Creating a Subsystem

A subsystem is a collection of components, methods, and a default command that allows any command to control the subsystem to do everything the subsystem should be able to do through its public methods and fields.

1. Find out how the subsystem works

Writing a subsystem is usually simple once you understand how the subsystem is supposed to operate. So, the first step you should take when creating a new subsystem in code is to talk to design and electrical, and find out what components and sensors are part of that subsystem. Make a list of these components.

Also, don’t forget to talk about how each part functions with respect to the rest of the design. For example, maybe the motor-controlled belt can’t move while certain pneumatics controlling the claw are extended, or maybe a motor is not designed to be able to turn backwards. These should be reflected in your subsystem.

For example, the drive motors on the same side in a tank drive should never turn against each other, because if they do, the motors will burn themselves out. Thus, there should not be any way for a command to do this using the Drive subsystem. However, when it comes to non-drive subsystems, these interactions may not be as obvious.

2. Create the subsystem’s file

Right click on the project and choose New -> Other.

../../_images/scrnsub1.png

Then, in the New window that appears, scroll down to WPILib Robot Java Development and choose Command.

../../_images/scrnsub2.png ../../_images/scrnsub3.png

Then, name your command.

../../_images/scrnsub4.png

Press Finish, and it should be created.

../../_images/scrnsub5.png

3. Add the components of the subsystem

Using the list of components in that subsystem from design and electrical, you can simply just add every single component to the subsystem. Don’t forget to make sure to add and access their corresponding pins in RobotMap.

See Components to learn more about how to create certain components in code.

You may be required to group together certain actuators, such as in the case of Drive, where you need to group together the right and left motors into PIDOutputGroups.

This may also occur with sensors, such as grouping together the Drive encoders into a median reading.

You may also need to create a PID Controller, to control some aspect of the subsystem, if it needs to be able to move to certain positions, or hold a certain speed in some way.

4. Add the public methods of the subsystem

Most components should be private, since they should not be accessed directly. They should instead be accessed through public methods.

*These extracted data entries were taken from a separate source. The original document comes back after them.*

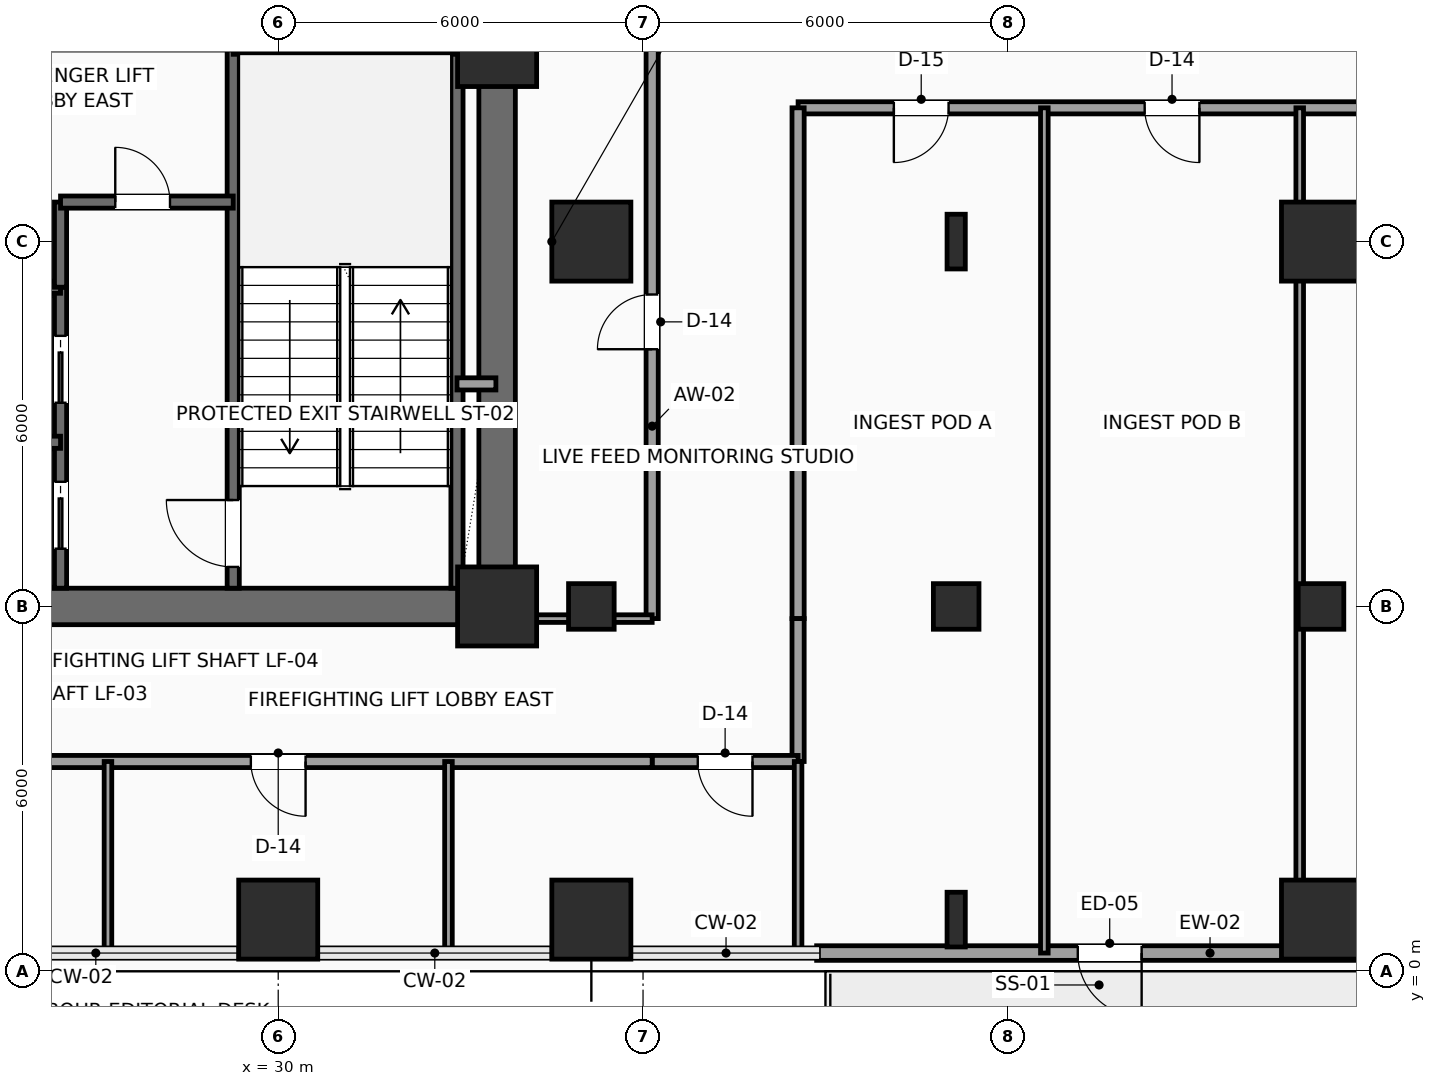
"""IFC4 building model, lengths in metres.
Left out: names, types, materials, properties, quantities, classifications, styles, units other than length and angle.
Written with IfcOpenShell. Run it as: python <this file> out.ifc"""

import sys

from ifc_helpers import new_model, si_unit, direction, frame, frame_2d, origin, origin_2d, place, context, subcontext, project, spatial, rectangle, hollow_rectangle, i_section, extrude, element, fill, save


model = new_model("IFC4")
c1 = context("Model", 3, precision=1e-05, world=origin(), true_north=direction((0.0, 1.0)))
c2 = subcontext(c1, "Body", "Model", "MODEL_VIEW")
j1 = project(units=[si_unit("LENGTHUNIT", "METRE"), si_unit("PLANEANGLEUNIT", "RADIAN")], contexts=[c1])
p1 = place(None, origin())
s1 = spatial("IfcSite", under=j1, at=p1, CompositionType="ELEMENT")
p2 = place(p1, origin())
s2 = spatial("IfcBuilding", under=s1, at=p2, CompositionType="ELEMENT")
p3 = place(p2, frame((0.0, 0.0, 44.1)))
s3 = spatial("IfcBuildingStorey", under=s2, at=p3, CompositionType="ELEMENT", Elevation=44.1)
for number, where, z_axis, x_axis in (
    (1, (33.6, 6.0, 0.0), (0.0, 0.0, 1.0), (1.0, 0.0, 0.0)),
    (2, (33.6, 15.2, 0.0), (0.0, 0.0, 1.0), (1.0, 0.0, 0.0)),
    (3, (30.0, 0.85, 0.0), (0.0, 0.0, 1.0), (1.0, 0.0, 0.0)),
    (4, (35.15, 0.85, 0.0), (0.0, 0.0, 1.0), (1.0, 0.0, 0.0)),
):
    element("IfcColumn", number, at=place(p3, frame(where, z_axis=z_axis, x_axis=x_axis)), inside=s3, PredefinedType="COLUMN", context=c2, shape_type="SweptSolid", body=[
        extrude(rectangle(XDim=1.3, YDim=1.3, at=origin_2d()), origin(), (0.0, 0.0, 1.0), 3.9),
    ])
p4 = place(p3, frame((35.15, 6.0, 0.0), z_axis=(0.0, 0.0, 1.0), x_axis=(1.0, 0.0, 0.0)))
e5 = element("IfcColumn", 5, at=p4, inside=s3, PredefinedType="COLUMN", context=c2, shape_type="SweptSolid", body=[
    extrude(hollow_rectangle(XDim=0.75, YDim=0.75, WallThickness=0.035, InnerFilletRadius=0.035, OuterFilletRadius=0.05, at=origin_2d()), origin(), (0.0, 0.0, 1.0), 3.9),
])
p5 = place(p3, frame((35.15, 12.0, 0.0), z_axis=(0.0, 0.0, 1.0), x_axis=(1.0, 0.0, 0.0)))
e6 = element("IfcColumn", 6, at=p5, inside=s3, PredefinedType="COLUMN", context=c2, shape_type="SweptSolid", body=[
    extrude(rectangle(XDim=1.3, YDim=1.3, at=origin_2d()), origin(), (0.0, 0.0, 1.0), 3.9),
])
p6 = place(p3, frame((41.15, 0.85, 0.0), z_axis=(0.0, 0.0, 1.0), x_axis=(1.0, 0.0, 0.0)))
e7 = element("IfcColumn", 7, at=p6, inside=s3, PredefinedType="COLUMN", context=c2, shape_type="SweptSolid", body=[
    extrude(i_section(OverallWidth=0.3, OverallDepth=0.9, WebThickness=0.019, FlangeThickness=0.035, FilletRadius=0.03, at=origin_2d()), origin(), (0.0, 0.0, 1.0), 3.9),
])
p7 = place(p3, frame((41.15, 6.0, 0.0), z_axis=(0.0, 0.0, 1.0), x_axis=(1.0, 0.0, 0.0)))
e8 = element("IfcColumn", 8, at=p7, inside=s3, PredefinedType="COLUMN", context=c2, shape_type="SweptSolid", body=[
    extrude(hollow_rectangle(XDim=0.75, YDim=0.75, WallThickness=0.035, InnerFilletRadius=0.035, OuterFilletRadius=0.05, at=origin_2d()), origin(), (0.0, 0.0, 1.0), 3.9),
])
p8 = place(p3, frame((41.15, 12.0, 0.0), z_axis=(0.0, 0.0, 1.0), x_axis=(1.0, 0.0, 0.0)))
e9 = element("IfcColumn", 9, at=p8, inside=s3, PredefinedType="COLUMN", context=c2, shape_type="SweptSolid", body=[
    extrude(i_section(OverallWidth=0.3, OverallDepth=0.9, WebThickness=0.019, FlangeThickness=0.035, FilletRadius=0.03, at=origin_2d()), origin(), (0.0, 0.0, 1.0), 3.9),
])
p9 = place(p3, frame((47.15, 0.85, 0.0), z_axis=(0.0, 0.0, 1.0), x_axis=(1.0, 0.0, 0.0)))
e10 = element("IfcColumn", 10, at=p9, inside=s3, PredefinedType="COLUMN", context=c2, shape_type="SweptSolid", body=[
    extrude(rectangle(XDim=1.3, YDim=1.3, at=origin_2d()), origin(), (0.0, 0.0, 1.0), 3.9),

These public methods must take into account each component’s interaction with the design to make sure that no matter what code a command runs, the subsystem should operate safely.

For example, the drive subsystem should have public methods grouping together the motors on each side, to make sure they dont’ go against each other. There should also be methods to read from encoders and stop the motors if necessary.

This explanation of subsystems is poor since each subsystem can be very different. See these examples for more specific ways that subsystems are implemented.

  • Climber
    A simple subsystem that only contains one motor that turns.
  • Gear Manipulator
    The gear manipulator subsystem from 2017.
  • Drive
    A fairly standard tank drive subsystem.

List of example subsystems:

5. Add the subsystem to Robot

Then, go to Robot and add the declaration of the subsystem in the class. Example:

public static Drive drive;

Then, make sure to instantiate the subsystem in robotInit().

drive = new Drive();

Now, the subsystem has been added to Robot.

After the subsystem is complete, it may be helpful to add a default command if the command exists for that subsystem.

And you’re done! The subsystem has now been created.